I get this, too, haha. 'You have a EBMM and an Axe FX? AND YOU PLAY WITH JAZZ PICKS? Holy shit you must be amazing.'

actuallyamthesloppiestguitaristever.


----------



## Ckackley (May 5, 2012)

Good gear doesn't make the player at all. I've seen bands with the cheapest guitars and budget line amps sound GREAT. But, unfortunately the look/image of a band is pretty important these days. So a lot of people are going to judge a band based on the way their gear looks. I use pretty decent stuff but my favorite guitar is an old Schecter BlackJack that I paid $250 for. It just feels "right". So I keep it polished up, free of rust and looking pretty all the time.


----------



## Demiurge (May 5, 2012)

I'm a cheap guitar-lover. If I see someone on stage sounding great with low-end gear, I dig.

There are some, though, that fear judgment from the non-musicians in the crowd. A friend of mine will only gig with his LP or Tele because at least non-musicians know Gibson and Fender, so anything else will look 2nd tier. Not implausible, as there's a large contingent of guitarists out there that think the same!


----------



## Marv Attaxx (May 5, 2012)

I always get weird looks when I enter the stage with my 8 string and start playing quite peaceful prog/post rock


----------



## larry (May 5, 2012)

nah, cheap gear doesn't really make or break as long as you can
play the holy-shit out of it and are very tight/professional 
over all. from experience, i will say that the hype and inspiration
derrived from having a killer rig and decent guitar has helped to
push my playing. crust of bread is nice but not a necessity.
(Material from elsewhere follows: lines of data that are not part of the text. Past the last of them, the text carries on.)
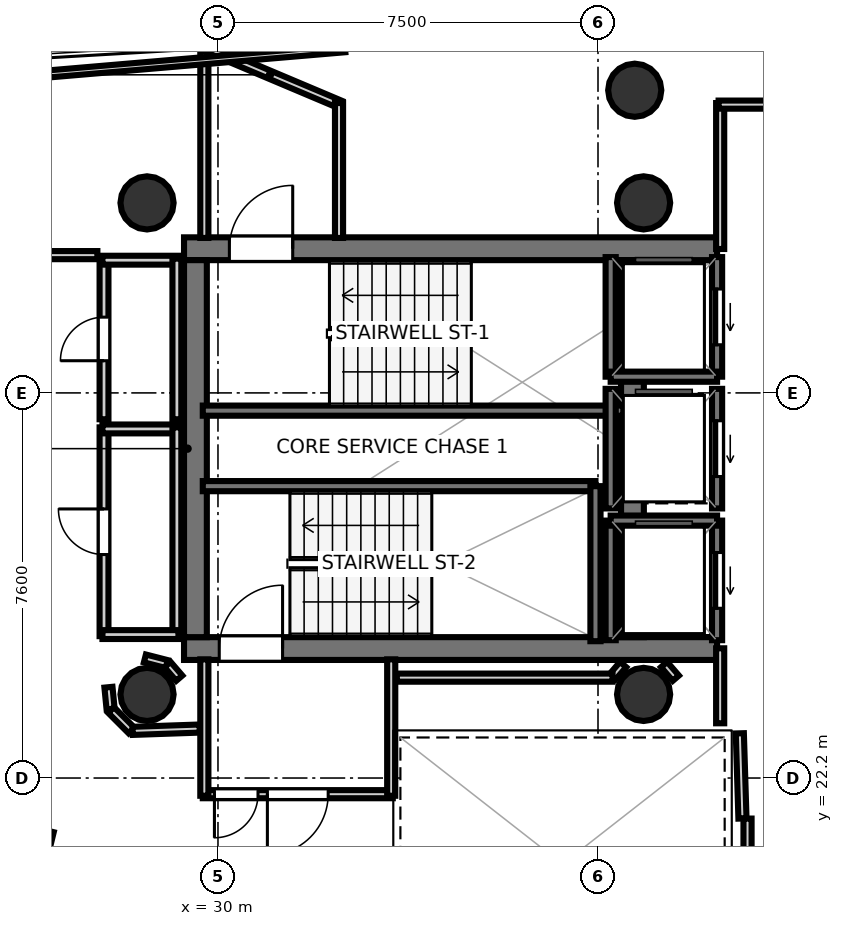
"""IFC4 building model, lengths in metres.
Left out: names, types, materials, properties, quantities, classifications, styles, units other than length and angle.
Written with IfcOpenShell. Run it as: python <this file> out.ifc"""

import sys

from ifc_helpers import new_model, si_unit, direction, frame, frame_2d, origin, origin_2d, place, context, subcontext, project, spatial, rectangle, hollow_circle, extrude, element, fill, save


model = new_model("IFC4")
c1 = context("Model", 3, precision=1e-05, world=origin(), true_north=direction((0.0, 1.0)))
c2 = subcontext(c1, "Body", "Model", "MODEL_VIEW")
j1 = project(units=[si_unit("LENGTHUNIT", "METRE"), si_unit("PLANEANGLEUNIT", "RADIAN")], contexts=[c1])
p1 = place(None, origin())
s1 = spatial("IfcSite", under=j1, at=p1, CompositionType="ELEMENT")
p2 = place(p1, origin())
s2 = spatial("IfcBuilding", under=s1, at=p2, CompositionType="ELEMENT")
p3 = place(p2, frame((0.0, 0.0, 264.9)))
s3 = spatial("IfcBuildingStorey", under=s2, at=p3, CompositionType="ELEMENT", Elevation=264.9)
p4 = place(p3, frame((29.33, 32.645, 0.0), z_axis=(0.0, 0.0, 1.0), x_axis=(1.0, 0.0, 0.0)))
e1 = element("IfcWall", 1, at=p4, inside=s3, PredefinedType="SHEAR", context=c2, shape_type="SweptSolid", body=[
    extrude(rectangle(XDim=10.52, YDim=0.45, at=frame_2d((5.26, 0.0))), origin(), (0.0, 0.0, 1.0), 3.52),
])
p5 = place(p4, frame((0.895, 0.0, 0.0)))
e2 = element("IfcOpeningElement", 2, at=p5, cuts=e1, PredefinedType="OPENING", context=c2, shape_type="SweptSolid", body=[
    extrude(rectangle(XDim=1.25, YDim=2.15, at=frame_2d((0.625, 1.075))), frame((0.0, 0.235, 0.0), z_axis=(0.0, -1.0, 0.0), x_axis=(1.0, 0.0, 0.0)), (0.0, 0.0, 1.0), 0.47),
])
p6 = place(p3, frame((29.33, 24.755, 0.0), z_axis=(0.0, 0.0, 1.0), x_axis=(1.0, 0.0, 0.0)))
e3 = element("IfcWall", 3, at=p6, inside=s3, PredefinedType="SHEAR", context=c2, shape_type="SweptSolid", body=[
    extrude(rectangle(XDim=10.52, YDim=0.45, at=frame_2d((5.26, 0.0))), origin(), (0.0, 0.0, 1.0), 3.52),
])
p7 = place(p6, frame((0.695, 0.0, 0.0)))
e4 = element("IfcOpeningElement", 4, at=p7, cuts=e3, PredefinedType="OPENING", context=c2, shape_type="SweptSolid", body=[
    extrude(rectangle(XDim=1.25, YDim=2.15, at=frame_2d((0.625, 1.075))), frame((0.0, 0.235, 0.0), z_axis=(0.0, -1.0, 0.0), x_axis=(1.0, 0.0, 0.0)), (0.0, 0.0, 1.0), 0.47),
])
for number, where, z_axis, x_axis in (
    (5, (29.555, 24.98, 0.0), (0.0, 0.0, 1.0), (0.0, 1.0, 0.0)),
    (6, (38.18, 24.98, 0.0), (0.0, 0.0, 1.0), (0.0, 1.0, 0.0)),
):
    element("IfcWall", number, at=place(p3, frame(where, z_axis=z_axis, x_axis=x_axis)), inside=s3, PredefinedType="SHEAR", context=c2, shape_type="SweptSolid", body=[
        extrude(rectangle(XDim=7.44, YDim=0.45, at=frame_2d((3.72, 0.0))), origin(), (0.0, 0.0, 1.0), 3.52),
    ])
for number, where, z_axis, x_axis in (
    (7, (28.6, 33.55, 0.0), (0.0, 0.0, 1.0), (1.0, 0.0, 0.0)),
    (8, (28.6, 23.85, 0.0), (0.0, 0.0, 1.0), (1.0, 0.0, 0.0)),
    (9, (38.4, 33.55, 0.0), (0.0, 0.0, 1.0), (1.0, 0.0, 0.0)),
    (10, (38.4, 23.85, 0.0), (0.0, 0.0, 1.0), (1.0, 0.0, 0.0)),
    (11, (38.225, 35.773, 0.0), (0.0, 0.0, 1.0), (1.0, 0.0, 0.0)),
):
    element("IfcColumn", number, at=place(p3, frame(where, z_axis=z_axis, x_axis=x_axis)), inside=s3, PredefinedType="COLUMN", context=c2, shape_type="SweptSolid", body=[
        extrude(hollow_circle(Radius=0.525, WallThickness=0.028, at=origin_2d()), origin(), (0.0, 0.0, 1.0), 3.7),
    ])
p8 = place(p3, frame((29.7, 29.45, 0.0), z_axis=(0.0, 0.0, 1.0), x_axis=(1.0, 0.0, 0.0)))
e12 = element("IfcWall", 12, at=p8, inside=s3, PredefinedType="SOLIDWALL", context=c2, shape_type="SweptSolid", body=[
    extrude(rectangle(XDim=8.3, YDim=0.2, at=frame_2d((4.15, 0.0))), origin(), (0.0, 0.0, 1.0), 3.52),
])
p9 = place(p3, frame((29.7, 27.96, 0.0), z_axis=(0.0, 0.0, 1.0), x_axis=(1.0, 0.0, 0.0)))
e13 = element("IfcWall", 13, at=p9, inside=s3, PredefinedType="SOLIDWALL", context=c2, shape_type="SweptSolid", body=[
    extrude(rectangle(XDim=7.75, YDim=0.2, at=frame_2d((3.875, 0.0))), origin(), (0.0, 0.0, 1.0), 3.52),
])
p10 = place(p3, frame((37.45, 24.9, 0.0), z_axis=(0.0, 0.0, 1.0), x_axis=(0.0, 1.0, 0.0)))
e14 = element("IfcWall", 14, at=p10, inside=s3, PredefinedType="SOLIDWALL", context=c2, shape_type="SweptSolid", body=[
    extrude(rectangle(XDim=3.06, YDim=0.2, at=frame_2d((1.53, 0.0))), origin(), (0.0, 0.0, 1.0), 3.52),
])
p11 = place(p3, frame((39.85, 30.12, 0.0), z_axis=(0.0, 0.0, 1.0), x_axis=(0.0, 1.0, 0.0)))
e15 = element("IfcWall", 15, at=p11, inside=s3, PredefinedType="SOLIDWALL", context=c2, shape_type="SweptSolid", body=[
    extrude(rectangle(XDim=2.36, YDim=0.2, at=frame_2d((1.18, 0.0))), origin(), (0.0, 0.0, 1.0), 3.52),
])
p12 = place(p11, frame((0.63, 0.0, 0.0)))
e16 = element("IfcOpeningElement", 16, at=p12, cuts=e15, PredefinedType="OPENING", context=c2, shape_type="SweptSolid", body=[
    extrude(rectangle(XDim=1.1, YDim=2.15, at=frame_2d((0.55, 1.075))), frame((0.0, 0.11, 0.0), z_axis=(0.0, -1.0, 0.0), x_axis=(1.0, 0.0, 0.0)), (0.0, 0.0, 1.0), 0.22),
])
p13 = place(p3, frame((37.75, 30.12, 0.0), z_axis=(0.0, 0.0, 1.0), x_axis=(0.0, 1.0, 0.0)))
e17 = element("IfcWall", 17, at=p13, inside=s3, PredefinedType="SOLIDWALL", context=c2, shape_type="SweptSolid", body=[
    extrude(rectangle(XDim=2.36, YDim=0.2, at=frame_2d((1.18, 0.0))), origin(), (0.0, 0.0, 1.0), 3.52),
])
p14 = place(p3, frame((37.75, 30.12, 0.0), z_axis=(0.0, 0.0, 1.0), x_axis=(1.0, 0.0, 0.0)))
e18 = element("IfcWall", 18, at=p14, inside=s3, PredefinedType="SOLIDWALL", context=c2, shape_type="SweptSolid", body=[
    extrude(rectangle(XDim=2.1, YDim=0.2, at=frame_2d((1.05, 0.0))), origin(), (0.0, 0.0, 1.0), 3.52),
])
p15 = place(p3, frame((39.85, 24.92, 0.0), z_axis=(0.0, 0.0, 1.0), x_axis=(0.0, 1.0, 0.0)))
e19 = element("IfcWall", 19, at=p15, inside=s3, PredefinedType="SOLIDWALL", context=c2, shape_type="SweptSolid", body=[
    extrude(rectangle(XDim=2.36, YDim=0.2, at=frame_2d((1.18, 0.0))), origin(), (0.0, 0.0, 1.0), 3.52),
])
p16 = place(p15, frame((0.63, 0.0, 0.0)))
e20 = element("IfcOpeningElement", 20, at=p16, cuts=e19, PredefinedType="OPENING", context=c2, shape_type="SweptSolid", body=[
    extrude(rectangle(XDim=1.1, YDim=2.15, at=frame_2d((0.55, 1.075))), frame((0.0, 0.11, 0.0), z_axis=(0.0, -1.0, 0.0), x_axis=(1.0, 0.0, 0.0)), (0.0, 0.0, 1.0), 0.22),
])
p17 = place(p3, frame((37.75, 24.92, 0.0), z_axis=(0.0, 0.0, 1.0), x_axis=(0.0, 1.0, 0.0)))
e21 = element("IfcWall", 21, at=p17, inside=s3, PredefinedType="SOLIDWALL", context=c2, shape_type="SweptSolid", body=[
    extrude(rectangle(XDim=2.36, YDim=0.2, at=frame_2d((1.18, 0.0))), origin(), (0.0, 0.0, 1.0), 3.52),
])
p18 = place(p3, frame((37.75, 27.28, 0.0), z_axis=(0.0, 0.0, 1.0), x_axis=(1.0, 0.0, 0.0)))
e22 = element("IfcWall", 22, at=p18, inside=s3, PredefinedType="SOLIDWALL", context=c2, shape_type="SweptSolid", body=[
    extrude(rectangle(XDim=2.1, YDim=0.2, at=frame_2d((1.05, 0.0))), origin(), (0.0, 0.0, 1.0), 3.52),
])
p19 = place(p3, frame((39.85, 27.52, 0.0), z_axis=(0.0, 0.0, 1.0), x_axis=(0.0, 1.0, 0.0)))
e23 = element("IfcWall", 23, at=p19, inside=s3, PredefinedType="SOLIDWALL", context=c2, shape_type="SweptSolid", body=[
    extrude(rectangle(XDim=2.36, YDim=0.2, at=frame_2d((1.18, 0.0))), origin(), (0.0, 0.0, 1.0), 3.52),
])
p20 = place(p19, frame((0.63, 0.0, 0.0)))
e24 = element("IfcOpeningElement", 24, at=p20, cuts=e23, PredefinedType="OPENING", context=c2, shape_type="SweptSolid", body=[
    extrude(rectangle(XDim=1.1, YDim=2.15, at=frame_2d((0.55, 1.075))), frame((0.0, 0.11, 0.0), z_axis=(0.0, -1.0, 0.0), x_axis=(1.0, 0.0, 0.0)), (0.0, 0.0, 1.0), 0.22),
])
p21 = place(p3, frame((37.75, 27.52, 0.0), z_axis=(0.0, 0.0, 1.0), x_axis=(0.0, 1.0, 0.0)))
e25 = element("IfcWall", 25, at=p21, inside=s3, PredefinedType="SOLIDWALL", context=c2, shape_type="SweptSolid", body=[
    extrude(rectangle(XDim=2.36, YDim=0.2, at=frame_2d((1.18, 0.0))), origin(), (0.0, 0.0, 1.0), 3.52),
])
p22 = place(p3, frame((29.731, 32.858, 0.0), z_axis=(0.0, 0.0, 1.0), x_axis=(0.0, 1.0, 0.0)))
e26 = element("IfcWall", 26, at=p22, inside=s3, PredefinedType="PARTITIONING", context=c2, shape_type="SweptSolid", body=[
    extrude(rectangle(XDim=3.834, YDim=0.16, at=frame_2d((1.917, 0.0))), origin(), (0.0, 0.0, 1.0), 2.84),
])
p23 = place(p3, frame((29.632, 36.666, 0.0), z_axis=(0.0, 0.0, 1.0), x_axis=(0.921284244724, -0.388889882131, 0.0)))
e27 = element("IfcWall", 27, at=p23, inside=s3, PredefinedType="PARTITIONING", context=c2, shape_type="SweptSolid", body=[
    extrude(rectangle(XDim=3.027, YDim=0.16, at=frame_2d((1.513, 0.0))), origin(), (0.0, 0.0, 1.0), 2.84),
])
p24 = place(p3, frame((32.389, 35.52, 0.0), z_axis=(0.0, 0.0, 1.0), x_axis=(0.0, -1.0, 0.0)))
e28 = element("IfcWall", 28, at=p24, inside=s3, PredefinedType="PARTITIONING", context=c2, shape_type="SweptSolid", body=[
    extrude(rectangle(XDim=2.662, YDim=0.16, at=frame_2d((1.331, 0.0))), origin(), (0.0, 0.0, 1.0), 2.84),
])
p25 = place(p3, frame((33.45, 21.881, 0.0), z_axis=(0.0, 0.0, 1.0), x_axis=(-1.0, 0.0, 0.0)))
e29 = element("IfcWall", 29, at=p25, inside=s3, PredefinedType="PARTITIONING", context=c2, shape_type="SweptSolid", body=[
    extrude(rectangle(XDim=3.75, YDim=0.16, at=frame_2d((1.875, 0.0))), origin(), (0.0, 0.0, 1.0), 2.84),
])
p26 = place(p25, frame((1.275, 0.0, 0.0)))
e30 = element("IfcOpeningElement", 30, at=p26, cuts=e29, PredefinedType="OPENING", context=c2, shape_type="SweptSolid", body=[
    extrude(rectangle(XDim=1.2, YDim=2.15, at=frame_2d((0.6, 1.075))), frame((0.0, 0.09, 0.0), z_axis=(0.0, -1.0, 0.0), x_axis=(1.0, 0.0, 0.0)), (0.0, 0.0, 1.0), 0.18),
])
p27 = place(p25, frame((2.66, 0.0, 0.0)))
e31 = element("IfcOpeningElement", 31, at=p27, cuts=e29, PredefinedType="OPENING", context=c2, shape_type="SweptSolid", body=[
    extrude(rectangle(XDim=0.86, YDim=2.05, at=frame_2d((0.43, 1.025))), frame((0.0, 0.09, 0.0), z_axis=(0.0, -1.0, 0.0), x_axis=(1.0, 0.0, 0.0)), (0.0, 0.0, 1.0), 0.18),
])
for number, where, z_axis, x_axis in (
    (32, (29.731, 21.85, 0.0), (0.0, 0.0, 1.0), (0.0, 1.0, 0.0)),
    (33, (33.419, 24.542, 0.0), (0.0, 0.0, 1.0), (0.0, -1.0, 0.0)),
):
    element("IfcWall", number, at=place(p3, frame(where, z_axis=z_axis, x_axis=x_axis)), inside=s3, PredefinedType="PARTITIONING", context=c2, shape_type="SweptSolid", body=[
        extrude(rectangle(XDim=2.692, YDim=0.16, at=frame_2d((1.346, 0.0))), origin(), (0.0, 0.0, 1.0), 2.84),
    ])
p28 = place(p3, frame((40.351, 21.401, 0.0), z_axis=(0.0, 0.0, 1.0), x_axis=(-0.031058045979, 0.999517582527, 0.0)))
e34 = element("IfcWall", 34, at=p28, inside=s3, PredefinedType="PARTITIONING", context=c2, shape_type="SweptSolid", body=[
    extrude(rectangle(XDim=1.682, YDim=0.16, at=frame_2d((0.841, 0.0))), origin(), (0.0, 0.0, 1.0), 2.84),
])
p29 = place(p3, frame((39.911, 23.28, 0.0), z_axis=(0.0, 0.0, 1.0), x_axis=(0.0, 1.0, 0.0)))
e35 = element("IfcWall", 35, at=p29, inside=s3, PredefinedType="PARTITIONING", context=c2, shape_type="SweptSolid", body=[
    extrude(rectangle(XDim=1.48, YDim=0.16, at=frame_2d((0.74, 0.0))), origin(), (0.0, 0.0, 1.0), 2.84),
])
p30 = place(p3, frame((39.911, 32.64, 0.0), z_axis=(0.0, 0.0, 1.0), x_axis=(0.0, 1.0, 0.0)))
e36 = element("IfcWall", 36, at=p30, inside=s3, PredefinedType="PARTITIONING", context=c2, shape_type="SweptSolid", body=[
    extrude(rectangle(XDim=2.88, YDim=0.16, at=frame_2d((1.44, 0.0))), origin(), (0.0, 0.0, 1.0), 2.84),
])
p31 = place(p3, frame((39.88, 35.489, 0.0), z_axis=(0.0, 0.0, 1.0), x_axis=(1.0, 0.0, 0.0)))
e37 = element("IfcWall", 37, at=p31, inside=s3, PredefinedType="PARTITIONING", context=c2, shape_type="SweptSolid", body=[
    extrude(rectangle(XDim=1.48, YDim=0.16, at=frame_2d((0.74, 0.0))), origin(), (0.0, 0.0, 1.0), 2.84),
])
p32 = place(p3, frame((40.451, 18.08, 0.0), z_axis=(0.0, 0.0, 1.0), x_axis=(0.0, 1.0, 0.0)))
e38 = element("IfcWall", 38, at=p32, inside=s3, PredefinedType="PARTITIONING", context=c2, shape_type="SweptSolid", body=[
    extrude(rectangle(XDim=3.32, YDim=0.16, at=frame_2d((1.66, 0.0))), origin(), (0.0, 0.0, 1.0), 2.84),
])
p33 = place(p3, frame((27.751, 25.0, 0.0), z_axis=(0.0, 0.0, 1.0), x_axis=(0.0, 1.0, 0.0)))
e39 = element("IfcWall", 39, at=p33, inside=s3, PredefinedType="PLUMBINGWALL", context=c2, shape_type="SweptSolid", body=[
    extrude(rectangle(XDim=4.12, YDim=0.175, at=frame_2d((2.06, 0.0))), origin(), (0.0, 0.0, 1.0), 2.84),
])
p34 = place(p33, frame((1.61, 0.0, 0.0)))
e40 = element("IfcOpeningElement", 40, at=p34, cuts=e39, PredefinedType="OPENING", context=c2, shape_type="SweptSolid", body=[
    extrude(rectangle(XDim=0.9, YDim=2.1, at=frame_2d((0.45, 1.05))), frame((0.0, 0.097, 0.0), z_axis=(0.0, -1.0, 0.0), x_axis=(1.0, 0.0, 0.0)), (0.0, 0.0, 1.0), 0.195),
])
p35 = place(p3, frame((27.72, 29.089, 0.0), z_axis=(0.0, 0.0, 1.0), x_axis=(1.0, 0.0, 0.0)))
e41 = element("IfcWall", 41, at=p35, inside=s3, PredefinedType="PLUMBINGWALL", context=c2, shape_type="SweptSolid", body=[
    extrude(rectangle(XDim=1.5, YDim=0.175, at=frame_2d((0.75, 0.0))), origin(), (0.0, 0.0, 1.0), 2.84),
])
p36 = place(p3, frame((29.189, 29.12, 0.0), z_axis=(0.0, 0.0, 1.0), x_axis=(0.0, -1.0, 0.0)))
e42 = element("IfcWall", 42, at=p36, inside=s3, PredefinedType="PLUMBINGWALL", context=c2, shape_type="SweptSolid", body=[
    extrude(rectangle(XDim=4.12, YDim=0.175, at=frame_2d((2.06, 0.0))), origin(), (0.0, 0.0, 1.0), 2.84),
])
p37 = place(p3, frame((29.22, 25.031, 0.0), z_axis=(0.0, 0.0, 1.0), x_axis=(-1.0, 0.0, 0.0)))
e43 = element("IfcWall", 43, at=p37, inside=s3, PredefinedType="PLUMBINGWALL", context=c2, shape_type="SweptSolid", body=[
    extrude(rectangle(XDim=1.5, YDim=0.175, at=frame_2d((0.75, 0.0))), origin(), (0.0, 0.0, 1.0), 2.84),
])
p38 = place(p3, frame((27.751, 29.28, 0.0), z_axis=(0.0, 0.0, 1.0), x_axis=(0.0, 1.0, 0.0)))
e44 = element("IfcWall", 44, at=p38, inside=s3, PredefinedType="PLUMBINGWALL", context=c2, shape_type="SweptSolid", body=[
    extrude(rectangle(XDim=3.17, YDim=0.175, at=frame_2d((1.585, 0.0))), origin(), (0.0, 0.0, 1.0), 2.84),
])
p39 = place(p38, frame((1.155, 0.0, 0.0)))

misha, tosin and all them boys started out on the cheap stuff
and came a long way to where we see 'em now. mark my words
man, them homeboys were developing their industry clout the
old fashioned way, via woodsheddin' and kicking ass on stage.
what we're seeing now is the by-product of all their hard work.
though, they're just as human as all of us. so, some of their
nice shit was accumulated the normal way.


----------



## SenorDingDong (May 5, 2012)

Chromaticity said:


> You could have a 5000$ rig or a 3000$ custom-made guitar and still be a shitty fucking guitarist. It's like some people buy a shit-ton of expensive gear to try to seem better, or simply cover the fact that they're actually terrible.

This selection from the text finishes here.